The next day I checked out early and headed into Great Basin National Park, which is immediately adjacent to the town. Unlike every other national park I visited, this one doesn't have any gates or entry fees. When planning my itinerary I'd been thinking I'd do some of the longer loop hikes near the top of Wheeler Peak; however, I'd failed to anticipate the long duration of winter snow. Much like Tioga Pass on the way to Tuolumne Meadows in Yosemite, the road to Wheeler Peak can remain closed well into June, and that was true this year due to the heavy snowfall. Which hadn't stopped yet! I looked in bemusement at the snow gently falling down around me. This wasn't how I expected my trip into the desert to begin, but it was cool to see.
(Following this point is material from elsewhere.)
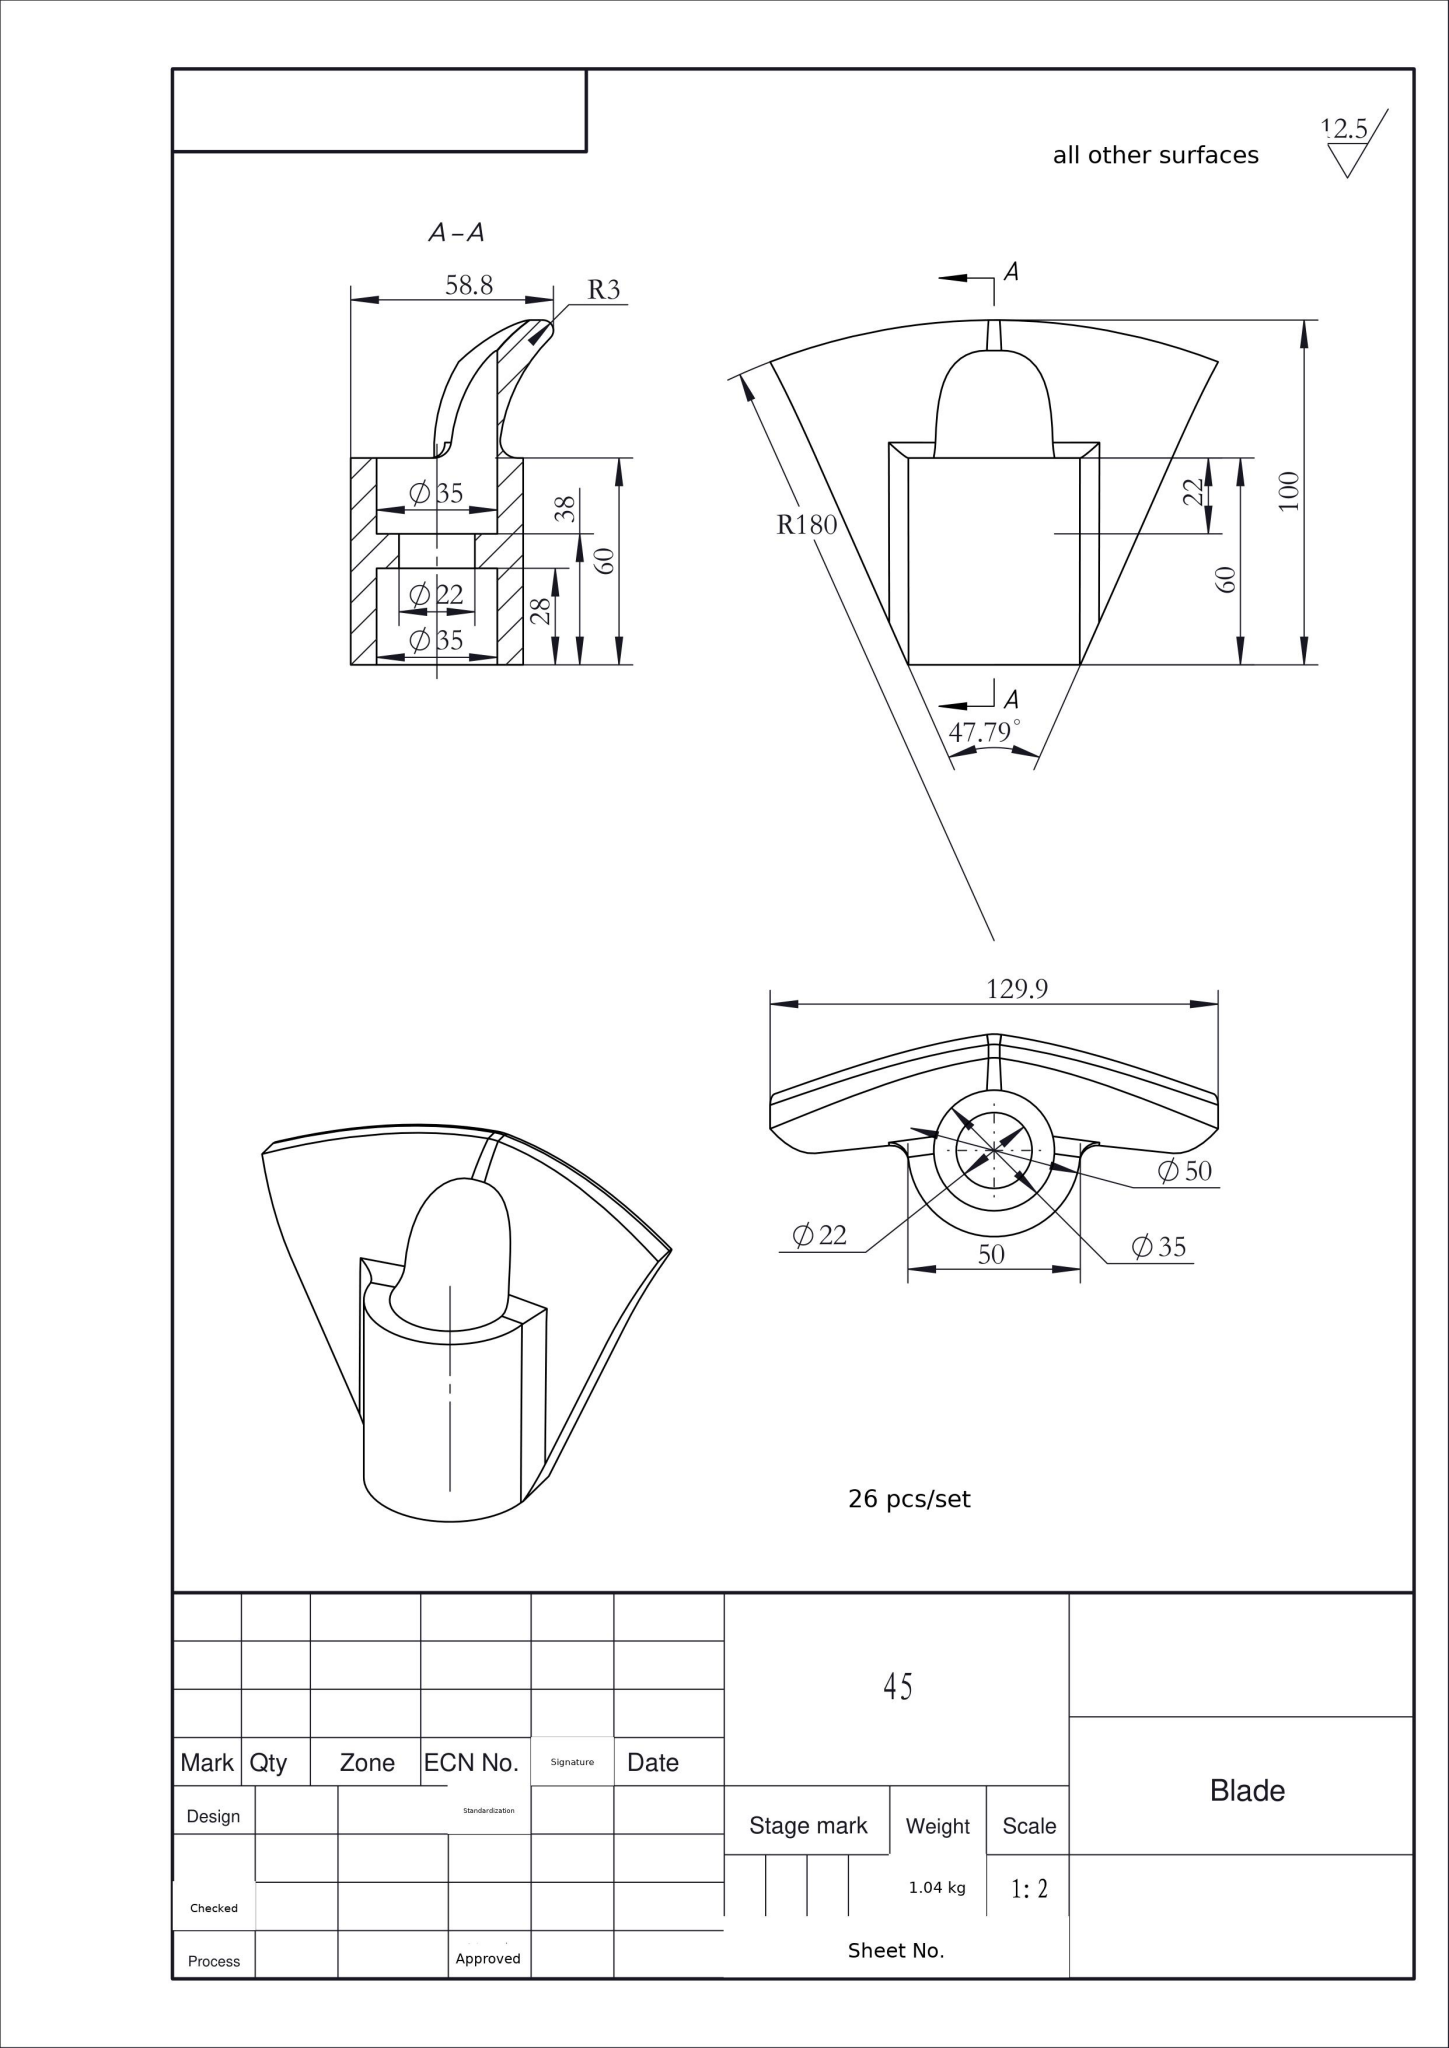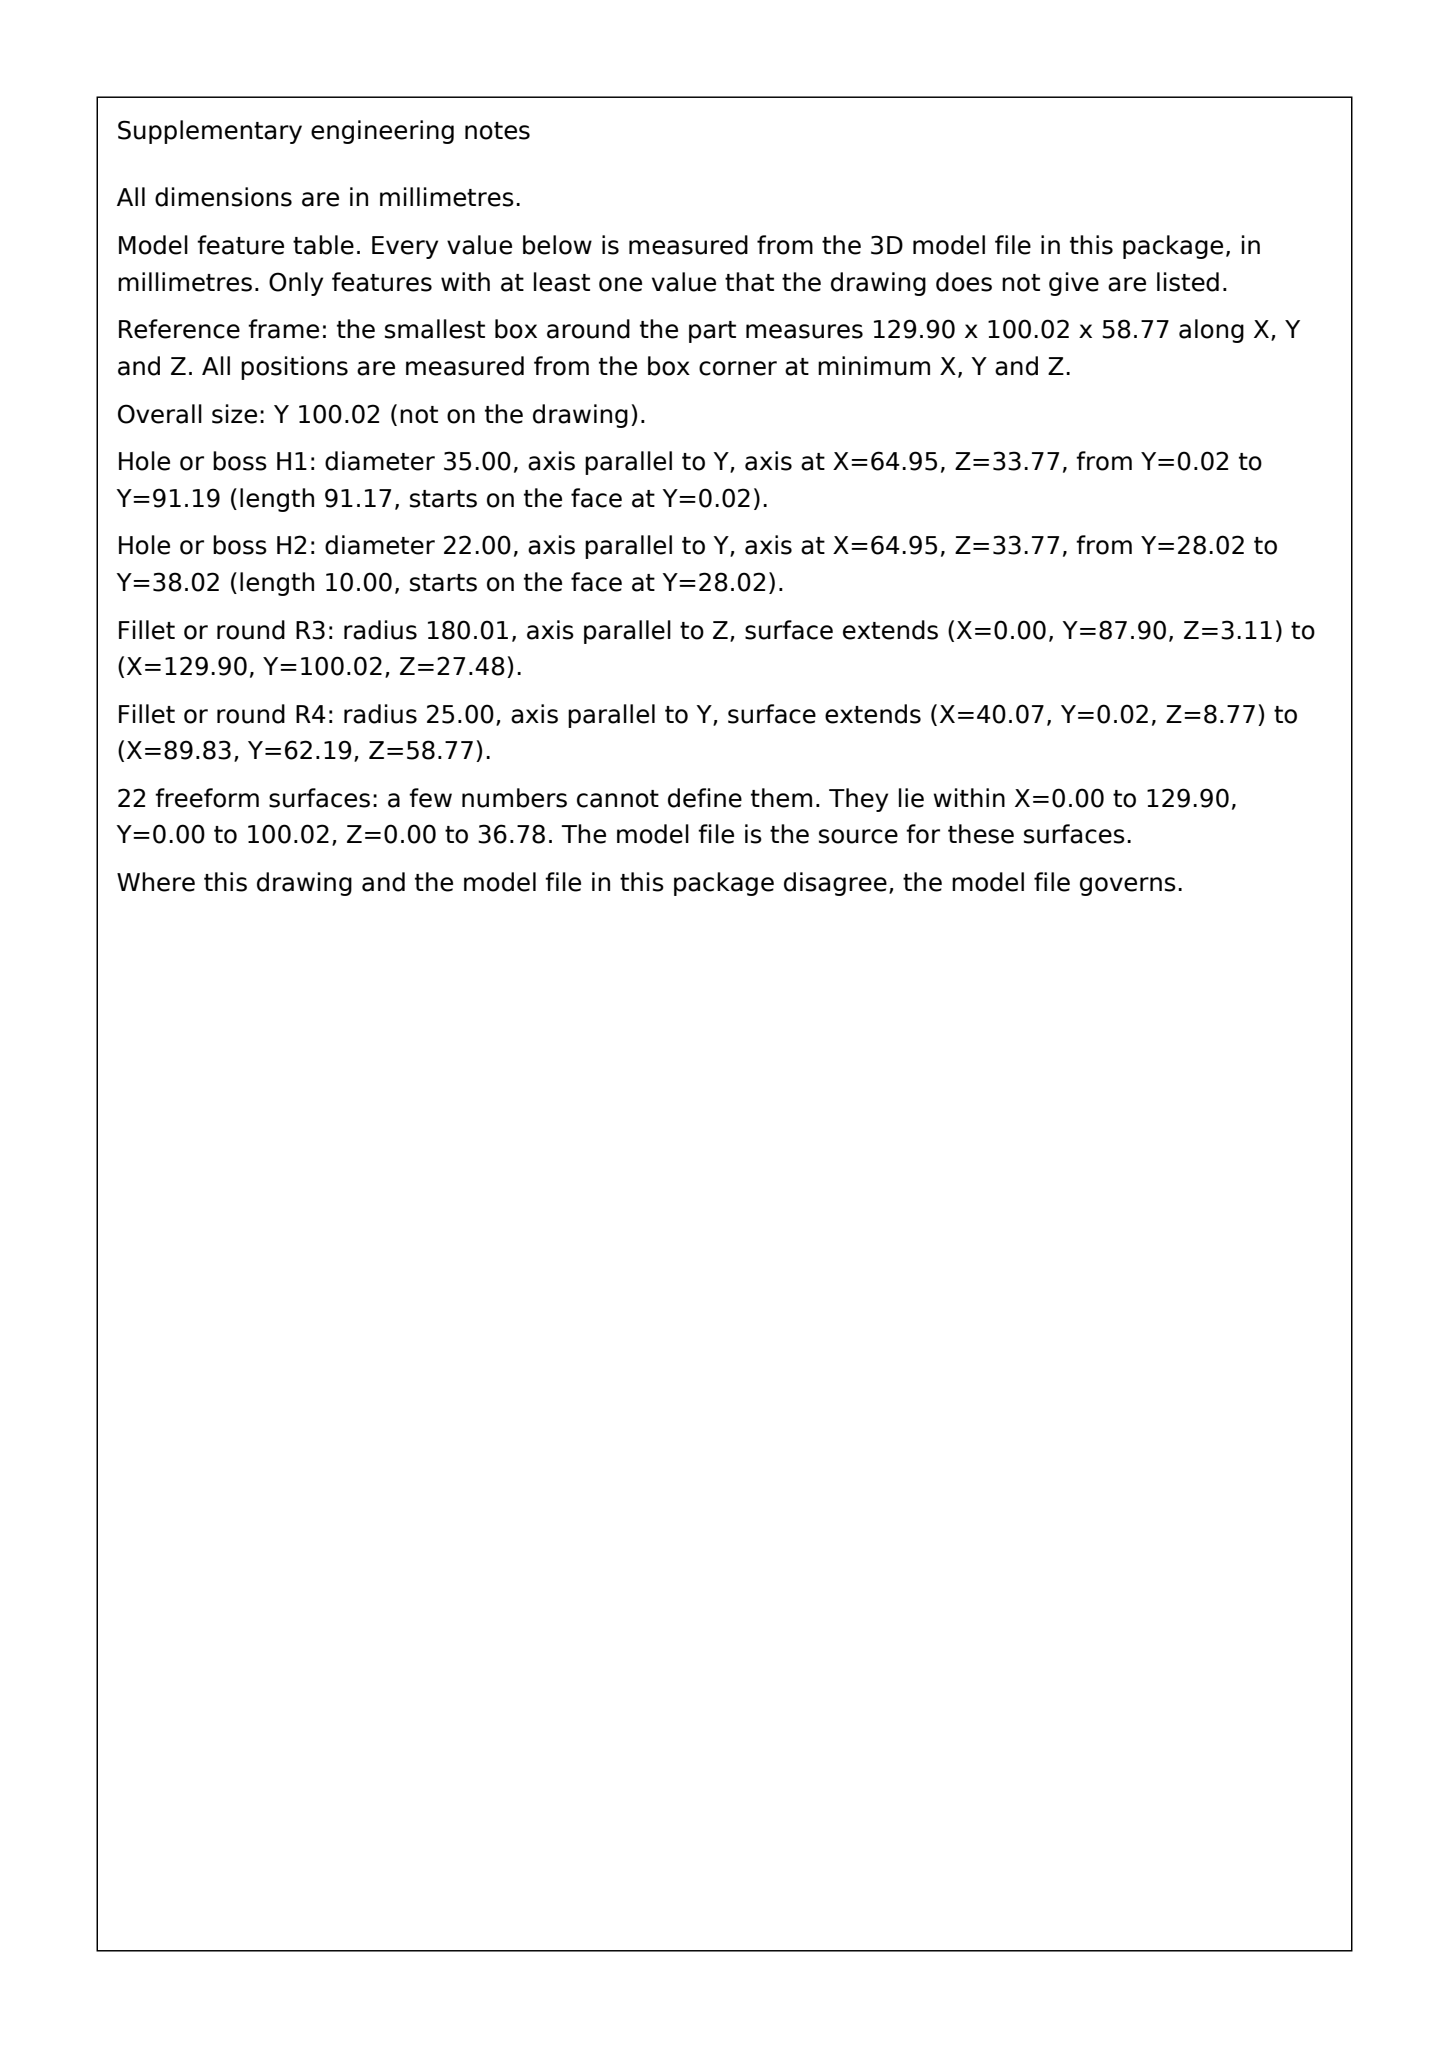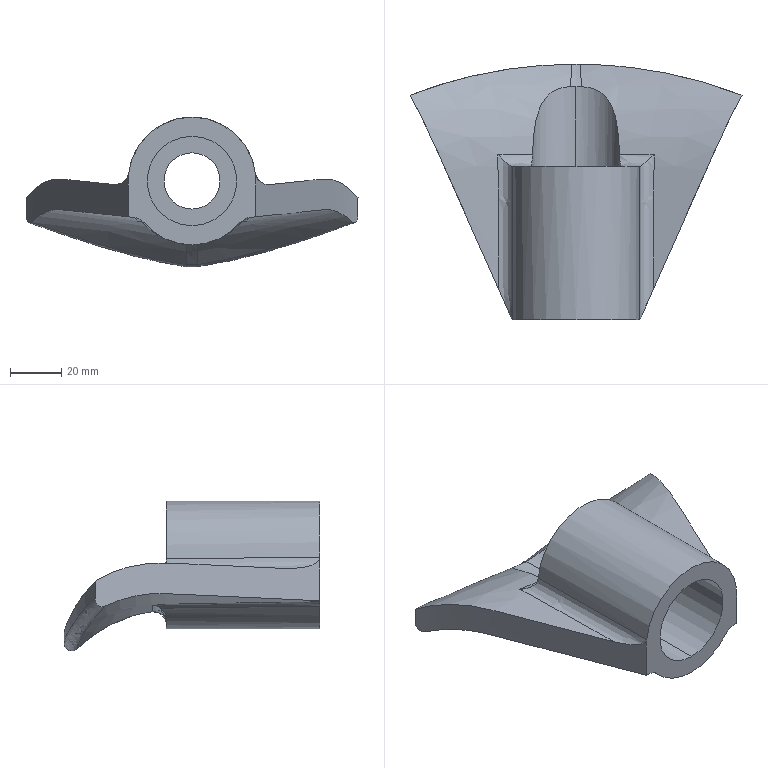Part | SolidWorks | mm | material 45 | 1 solid | 39 faces | box 129.9 x 100.02 x 58.77 mm | volume 133091 mm3 | spline 22 | cylinder 11 | plane 6 | commonest cylinder face diameters 35 x4 50 x3 22 x2 360.015 x2

The main attraction of Great Basin Park is Lehman Caves, a large set of caverns. I had vague memories of visiting Mammoth Cave as a kid, and more recently ducking into Luxmore Caves on the Kepler Track in New Zealand, and thought that would be cool. There are a very limited number of spots available for the ranger-led tours, and unfortunately I had failed to reserve one in time. Instead, I ended up doing some mid-level hikes on Wheeler. I started off with a hike into the Osceola Ditch, near the point where the road up the mountain closed. This was a fun, relatively flat trek through the woods; I turned back once the trail devolved into a muddy rut from the actively-melting snow.

I then headed back down the mountain and hiked up Lehman Creek Trail. This was also fun, as I started in the rain, and gradually gained enough elevation to have that change into snow. Along the way I saw the titular creek and a whole lot of snow - it wasn't too deep or thick, but nicely covered the trees and the ground. I'd time-boxed this hike, and once I'd made it far enough up, I turned around to come down again; I think that with enough time you could probably make it all the way up to the peak, despite the closure, and I'm curious if any hikers would actually camp up there to access those trails in winter.

But I had a bigger agenda ahead: after driving through the entire width of California and Nevada yesterday, I now merely had to drive the entire width of Utah to arrive at my next destination: Arches National Park!